Is your social media policy up to date...or CBA?

Social Media and its usage have evolved with breath-taking speed. Just a few years ago it was predominantly a platform for sharing pictures of your breakfast and your cat. These days Twitter, LinkedIn, Facebook and YouTube are integral to many organisations’ marketing and communication strategies. At HR Champions for example, we use Whatsapp daily for group communications. Even the president of the United States chooses to make globally significant announcements as tweets.

UK Law, both criminal and employment, seems to have been slow to respond to social media developments, relying instead upon the application of existing legislation. “Bringing the company into disrepute” has tended to be the default stance for errant social posts that come to the attention of managers. The law is slowly catching up however and now terms such as cyber-bullying have become part of the lexicon.

In terms of policing social media usage in the workplace, for a number of years now we have been advocating the implementation of a robust Social Media Policy. This has become even pertinent as recent cases involving social media at work have resulted in almost contradictory outcomes. Tribunal judges seem to be looking at claims involving social media on a case by case basis.

Whether a post has extended beyond a specific group now seems to form part of the judge’s deliberations and where a colleague has been offended by a post might not always seen as the fault of the original poster.

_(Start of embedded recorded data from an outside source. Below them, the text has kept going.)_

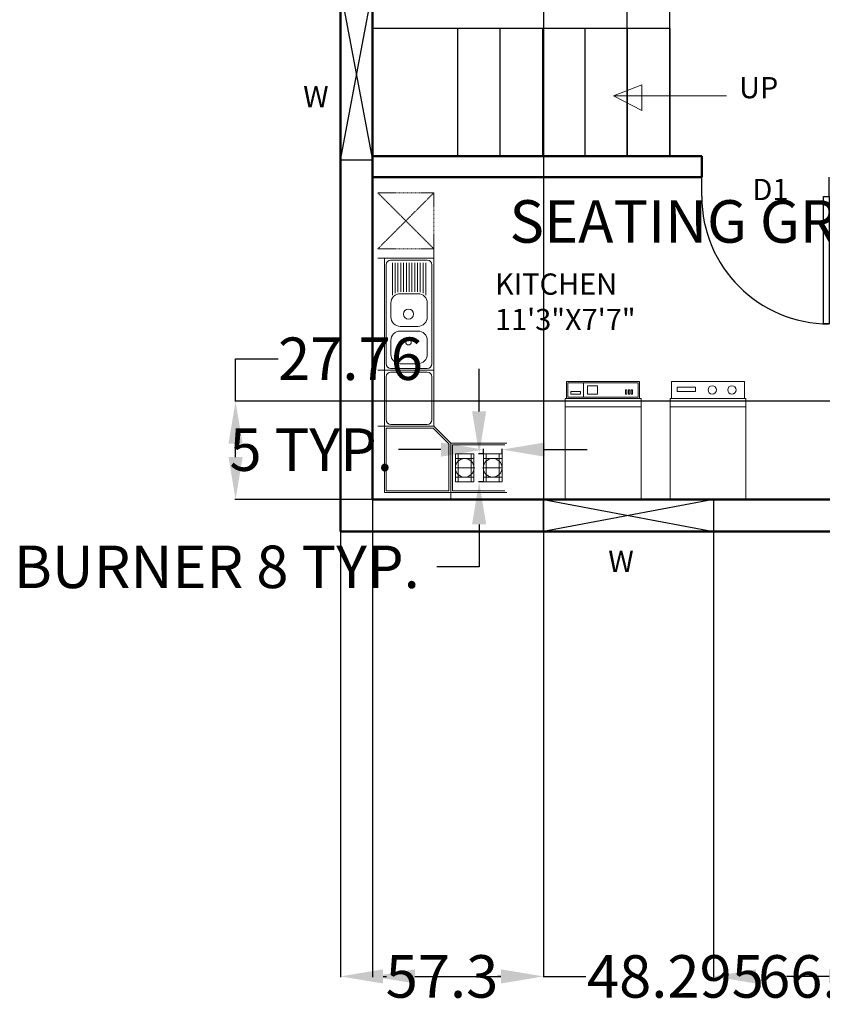
# Model space of a CAD drawing. Units: inches. Extents: x -77 to 516, y -119 to 536.
# Tile 1 of 11: x -77 to 150, y -119 to 159. Entities that reach past the tile are written whole.
import ezdxf

# ---------------------------------------------------------------- set-up
doc = ezdxf.new("R2010")
doc.units = ezdxf.units.IN
doc.header["$MEASUREMENT"] = 0
doc.linetypes.add('HIDDEN', pattern=[0.375, 0.25, -0.125])
for name, color, linetype, lineweight in [('A-ANNO-DIMS', 2, 'Continuous', 18), ('A-ANNO-SYMB', 20, 'Continuous', 18), ('A-AREA-IDEN', 170, 'Continuous', 25), ('A-EQPM', 42, 'Continuous', 18), ('A-FLOR-CASE', 42, 'Continuous', 18), ('A-FLOR-CASE-HIDN', 42, 'HIDDEN', 18), ('A-FLOR-FIXT', 9, 'Continuous', 18), ('A-FLOR-FIXT-PATT', 9, 'Continuous', 13), ('doors', 6, 'Continuous', 25), ('steps', 20, 'Continuous', 25), ('text', 170, 'Continuous', 18), ('walls', 40, 'Continuous', 50), ('windows', 1, 'Continuous', 25)]:
    doc.layers.add(name, color=color, linetype=linetype, lineweight=lineweight)
doc.styles.get("Standard").update_dxf_attribs({"font": 'arial.ttf'})
doc.dimstyles.get("Standard").update_dxf_attribs({"dimtxt": 12, "dimasz": 12, "dimexe": 0.18, "dimexo": 0.0625, "dimgap": 0.09, "dimtad": 0, "dimtih": 1, "dimtoh": 1, "dimdec": 1, "dimzin": 0, "dimdsep": 46, "dimlunit": 4, "dimtxsty": 'Standard', "dimcen": 0.09, "dimadec": 0, "dimazin": 0, "dimtfac": 1, "dimtdec": 1, "dimtofl": 0, "dimtmove": 0, "dimatfit": 3, "dimfxl": 1, "dimtolj": 1, "dimtzin": 0, "dimarcsym": 0})

# ---------------------------------------------------------------- blocks, each defined once
blk = doc.blocks.new('*U2')
for p, q in [((0, 0), (0, -6)), ((40, 0), (40, -6))]:
    blk.add_line(p, q)
blk.add_lwpolyline([(0, 0), (0, 40), (1.75, 40), (1.75, 0)], close=True)
blk.add_arc((0, 0), 40, 0, 90)
blk = doc.blocks.new('WIN-48IN')
for p, q in [((0, 0), (9, 48)), ((0, 48), (9, 0))]:
    blk.add_line(p, q)
blk.add_lwpolyline([(0, 48), (9, 48), (9, 0), (0, 0)], close=True)
blk = doc.blocks.new('COOKTOP-BURNER')
for p, q in [((0, 7.91), (5.27, 7.91)), ((0, 0), (0, 7.91)), ((0, 6.59), (5.27, 6.59)), ((0.79, 0), (0.79, 7.91)), ((4.48, 7.91), (4.48, 0)), ((5.27, 7.91), (5.27, 0)), ((5.27, 3.95), (0, 3.95)), ((5.27, 1.32), (0, 1.32)), ((5.27, 0), (0, 0))]:
    blk.add_line(p, q)
blk.add_circle((2.64, 3.95), 2.64)
blk = doc.blocks.new('*D30')
at = {"layer": 'A-ANNO-DIMS', "color": 0, "lineweight": -2, "transparency": 16777216}
for p, q in [((351.13, 120.17), (351.28, 103.03)), ((237.64, 119.18), (237.79, 102.04)), ((339.28, 103.1), (249.78, 102.32)), ((237.78, 102.22), (225.78, 102.12))]:
    blk.add_line(p, q, dxfattribs=at)
at = {"layer": 'A-ANNO-DIMS', "color": 0, "transparency": 16777216}
for points in [[(249.77, 104.32), (249.8, 100.32), (237.78, 102.22)], [(339.27, 105.1), (339.3, 101.1), (351.28, 103.21)]]:
    blk.add_solid(points, dxfattribs=at)
at = {"layer": 'Defpoints', "color": 0, "transparency": 16777216}
for p in [(351.13, 120.23), (237.64, 119.24), (237.78, 102.22)]:
    blk.add_point(p, dxfattribs=at)
at = {"layer": 'A-ANNO-DIMS', "color": 0, "transparency": 16777216, "insert": (140.3, 102.12), "char_height": 12, "attachment_point": 5}
blk.add_mtext('\\A1;SEATING GROUP 114', dxfattribs=at)
blk = doc.blocks.new('*D34')
at = {"layer": 'A-ANNO-DIMS', "color": 0, "lineweight": -2, "transparency": 16777216}
for p, q in [((52.9, 48.5), (52.9, 60.5)), ((54.02, 36.5), (52.72, 36.5)), ((54.02, 28.59), (52.72, 28.59)), ((52.9, 16.59), (52.9, 4.59)), ((52.9, 4.59), (40.9, 4.59))]:
    blk.add_line(p, q, dxfattribs=at)
at = {"layer": 'A-ANNO-DIMS', "color": 0, "transparency": 16777216}
for points in [[(50.9, 48.5), (54.9, 48.5), (52.9, 36.5)], [(50.9, 16.59), (54.9, 16.59), (52.9, 28.59)]]:
    blk.add_solid(points, dxfattribs=at)
at = {"layer": 'Defpoints', "color": 0, "transparency": 16777216}
for p in [(54.08, 36.5), (52.9, 28.59), (54.08, 28.59)]:
    blk.add_point(p, dxfattribs=at)
at = {"layer": 'A-ANNO-DIMS', "color": 0, "transparency": 16777216, "insert": (-21.2, 4.59), "char_height": 12, "attachment_point": 5}
blk.add_mtext('\\A1;BURNER 8 TYP.', dxfattribs=at)
blk = doc.blocks.new('*D35')
at = {"layer": 'A-ANNO-DIMS', "color": 0, "lineweight": -2, "transparency": 16777216}
for p, q in [((42.08, 37.69), (30.08, 37.69)), ((54.08, 36.57), (54.08, 37.87)), ((59.36, 36.57), (59.36, 37.87)), ((71.36, 37.69), (83.36, 37.69))]:
    blk.add_line(p, q, dxfattribs=at)
at = {"layer": 'A-ANNO-DIMS', "color": 0, "transparency": 16777216}
for points in [[(42.08, 39.69), (42.08, 35.69), (54.08, 37.69)], [(71.36, 39.69), (71.36, 35.69), (59.36, 37.69)]]:
    blk.add_solid(points, dxfattribs=at)
at = {"layer": 'Defpoints', "color": 0, "transparency": 16777216}
for p in [(54.08, 37.69), (54.08, 36.5), (59.36, 36.5)]:
    blk.add_point(p, dxfattribs=at)
at = {"layer": 'A-ANNO-DIMS', "color": 0, "transparency": 16777216, "insert": (5.45, 37.69), "char_height": 12, "attachment_point": 5}
blk.add_mtext('\\A1;5 TYP.', dxfattribs=at)
blk = doc.blocks.new('*D39')
at = {"layer": 'A-ANNO-DIMS', "color": 0, "lineweight": -2, "transparency": 16777216}
for p, q in [((22.75, 485.53), (22.75, -111.24)), ((71.05, 485.53), (71.05, -111.24)), ((34.75, -111.06), (59.05, -111.06)), ((71.05, -111.06), (83.05, -111.06))]:
    blk.add_line(p, q, dxfattribs=at)
at = {"layer": 'A-ANNO-DIMS', "color": 0, "transparency": 16777216}
for points in [[(34.75, -109.06), (34.75, -113.06), (22.75, -111.06)], [(59.05, -109.06), (59.05, -113.06), (71.05, -111.06)]]:
    blk.add_solid(points, dxfattribs=at)
at = {"layer": 'Defpoints', "color": 0, "transparency": 16777216}
for p in [(22.75, 485.59), (71.05, 485.59), (71.05, -111.06)]:
    blk.add_point(p, dxfattribs=at)
at = {"layer": 'A-ANNO-DIMS', "color": 0, "transparency": 16777216, "insert": (108.33, -111.06), "char_height": 12, "attachment_point": 5}
blk.add_mtext('\\A1;48.295', dxfattribs=at)
blk = doc.blocks.new('*D40')
at = {"layer": 'A-ANNO-DIMS', "color": 0, "lineweight": -2, "transparency": 16777216}
for p, q in [((163.750061, 485.5259), (163.750061, -111.2416)), ((184.750061, 485.5259), (184.750061, -111.2416)), ((151.750061, -111.0616), (139.750061, -111.0616)), ((196.750061, -111.0616), (208.750061, -111.0616))]:
    blk.add_line(p, q, dxfattribs=at)
at = {"layer": 'A-ANNO-DIMS', "color": 0, "transparency": 16777216}
for points in [[(151.750061, -109.0616), (151.750061, -113.0616), (163.750061, -111.0616)], [(196.750061, -109.0616), (196.750061, -113.0616), (184.750061, -111.0616)]]:
    blk.add_solid(points, dxfattribs=at)
at = {"layer": 'Defpoints', "color": 0, "transparency": 16777216}
for p in [(163.750061, 485.5884), (184.750061, 485.5884), (184.750061, -111.0616)]:
    blk.add_point(p, dxfattribs=at)
at = {"layer": 'A-ANNO-DIMS', "color": 0, "transparency": 16777216, "insert": (174.250061, -111.0616), "char_height": 12, "attachment_point": 5}
blk.add_mtext('\\A1;21', dxfattribs=at)
blk = doc.blocks.new('*D45')
at = {"layer": 'A-ANNO-DIMS', "color": 0, "lineweight": -2, "transparency": 16777216}
for p, q in [((-15.9, 51.35), (-15.9, 63.35)), ((-15.9, 63.35), (-3.9, 63.35)), ((364.69, 51.35), (-16.08, 51.35)), ((-15.9, 35.59), (-15.9, 39.35)), ((364.69, 23.59), (-16.08, 23.59))]:
    blk.add_line(p, q, dxfattribs=at)
at = {"layer": 'A-ANNO-DIMS', "color": 0, "transparency": 16777216}
for points in [[(-17.9, 39.35), (-13.9, 39.35), (-15.9, 51.35)], [(-17.9, 35.59), (-13.9, 35.59), (-15.9, 23.59)]]:
    blk.add_solid(points, dxfattribs=at)
at = {"layer": 'Defpoints', "color": 0, "transparency": 16777216}
for p in [(-15.9, 51.35), (364.75, 51.35), (364.75, 23.59)]:
    blk.add_point(p, dxfattribs=at)
at = {"layer": 'A-ANNO-DIMS', "color": 0, "transparency": 16777216, "insert": (16.54, 63.35), "char_height": 12, "attachment_point": 5}
blk.add_mtext('\\A1;27.76', dxfattribs=at)
blk = doc.blocks.new('*D49')
at = {"layer": 'A-ANNO-DIMS', "color": 0, "lineweight": -2, "transparency": 16777216}
for p, q in [((13.75, 14.53), (13.75, -111.24)), ((71.05, 14.53), (71.05, -111.24)), ((25.75, -111.06), (26.72, -111.06)), ((59.05, -111.06), (58.07, -111.06))]:
    blk.add_line(p, q, dxfattribs=at)
at = {"layer": 'A-ANNO-DIMS', "color": 0, "transparency": 16777216}
for points in [[(25.75, -109.06), (25.75, -113.06), (13.75, -111.06)], [(59.05, -109.06), (59.05, -113.06), (71.05, -111.06)]]:
    blk.add_solid(points, dxfattribs=at)
at = {"layer": 'Defpoints', "color": 0, "transparency": 16777216}
for p in [(13.75, 14.59), (71.05, 14.59), (71.05, -111.06)]:
    blk.add_point(p, dxfattribs=at)
at = {"layer": 'A-ANNO-DIMS', "color": 0, "transparency": 16777216, "insert": (42.4, -111.06), "char_height": 12, "attachment_point": 5}
blk.add_mtext('\\A1;57.3', dxfattribs=at)
blk = doc.blocks.new('*D50')
at = {"layer": 'A-ANNO-DIMS', "color": 0, "lineweight": -2, "transparency": 16777216}
for p, q in [((119.05, 14.53), (119.05, -111.24)), ((185.2, 14.53), (185.2, -111.24)), ((131.05, -111.06), (131.76, -111.06)), ((173.2, -111.06), (172.49, -111.06))]:
    blk.add_line(p, q, dxfattribs=at)
at = {"layer": 'A-ANNO-DIMS', "color": 0, "transparency": 16777216}
for points in [[(131.05, -109.06), (131.05, -113.06), (119.05, -111.06)], [(173.2, -109.06), (173.2, -113.06), (185.2, -111.06)]]:
    blk.add_solid(points, dxfattribs=at)
at = {"layer": 'Defpoints', "color": 0, "transparency": 16777216}
for p in [(119.05, 14.59), (185.2, 14.59), (185.2, -111.06)]:
    blk.add_point(p, dxfattribs=at)
at = {"layer": 'A-ANNO-DIMS', "color": 0, "transparency": 16777216, "insert": (152.12, -111.06), "char_height": 12, "attachment_point": 5}
blk.add_mtext('\\A1;66.16', dxfattribs=at)
blk = doc.blocks.new('*D54')
at = {"layer": 'A-ANNO-DIMS', "color": 0, "lineweight": -2, "transparency": 16777216}
for p, q in [((82.75, 524.95), (70.75, 524.95)), ((94.75, 120.65), (94.75, 525.13)), ((106.75, 120.65), (106.75, 525.13)), ((118.75, 524.95), (130.75, 524.95))]:
    blk.add_line(p, q, dxfattribs=at)
at = {"layer": 'A-ANNO-DIMS', "color": 0, "transparency": 16777216}
for points in [[(82.75, 526.95), (82.75, 522.95), (94.75, 524.95)], [(118.75, 526.95), (118.75, 522.95), (106.75, 524.95)]]:
    blk.add_solid(points, dxfattribs=at)
at = {"layer": 'Defpoints', "color": 0, "transparency": 16777216}
for p in [(106.75, 524.95), (94.75, 120.59), (106.75, 120.59)]:
    blk.add_point(p, dxfattribs=at)
at = {"layer": 'A-ANNO-DIMS', "color": 0, "transparency": 16777216, "insert": (138.81, 524.95), "char_height": 12, "attachment_point": 5}
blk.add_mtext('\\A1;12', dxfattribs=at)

Notwithstanding, we should remember that social media is incredibly fast and effective at distributing news on a global scale; and it doesn’t discriminate. With the right connections, anybody can read anything that has been posted by anybody else. This means friends and associates of course, but also suppliers, competitors and customers.

A throw-away comment posted on Facebook or Twitter by an employee may appear fairly innocuous at first, but there is no telling what reputational damage could be done if that employee is connected to a customer, client or colleague who takes offence. Even when made on their own personal accounts, provision should be made in your policy in case comments can be associated with your organisation.

And don’t disregard video. A film that shows an employee flouting Health and Safety regulations for example, whilst being visibly connectable to his or her employer through perhaps, uniform or a branded vehicle, could open the company up to prosecution by the HSE. As well the fallback of bringing the company into disrepute and therefore subject to some form of discipline.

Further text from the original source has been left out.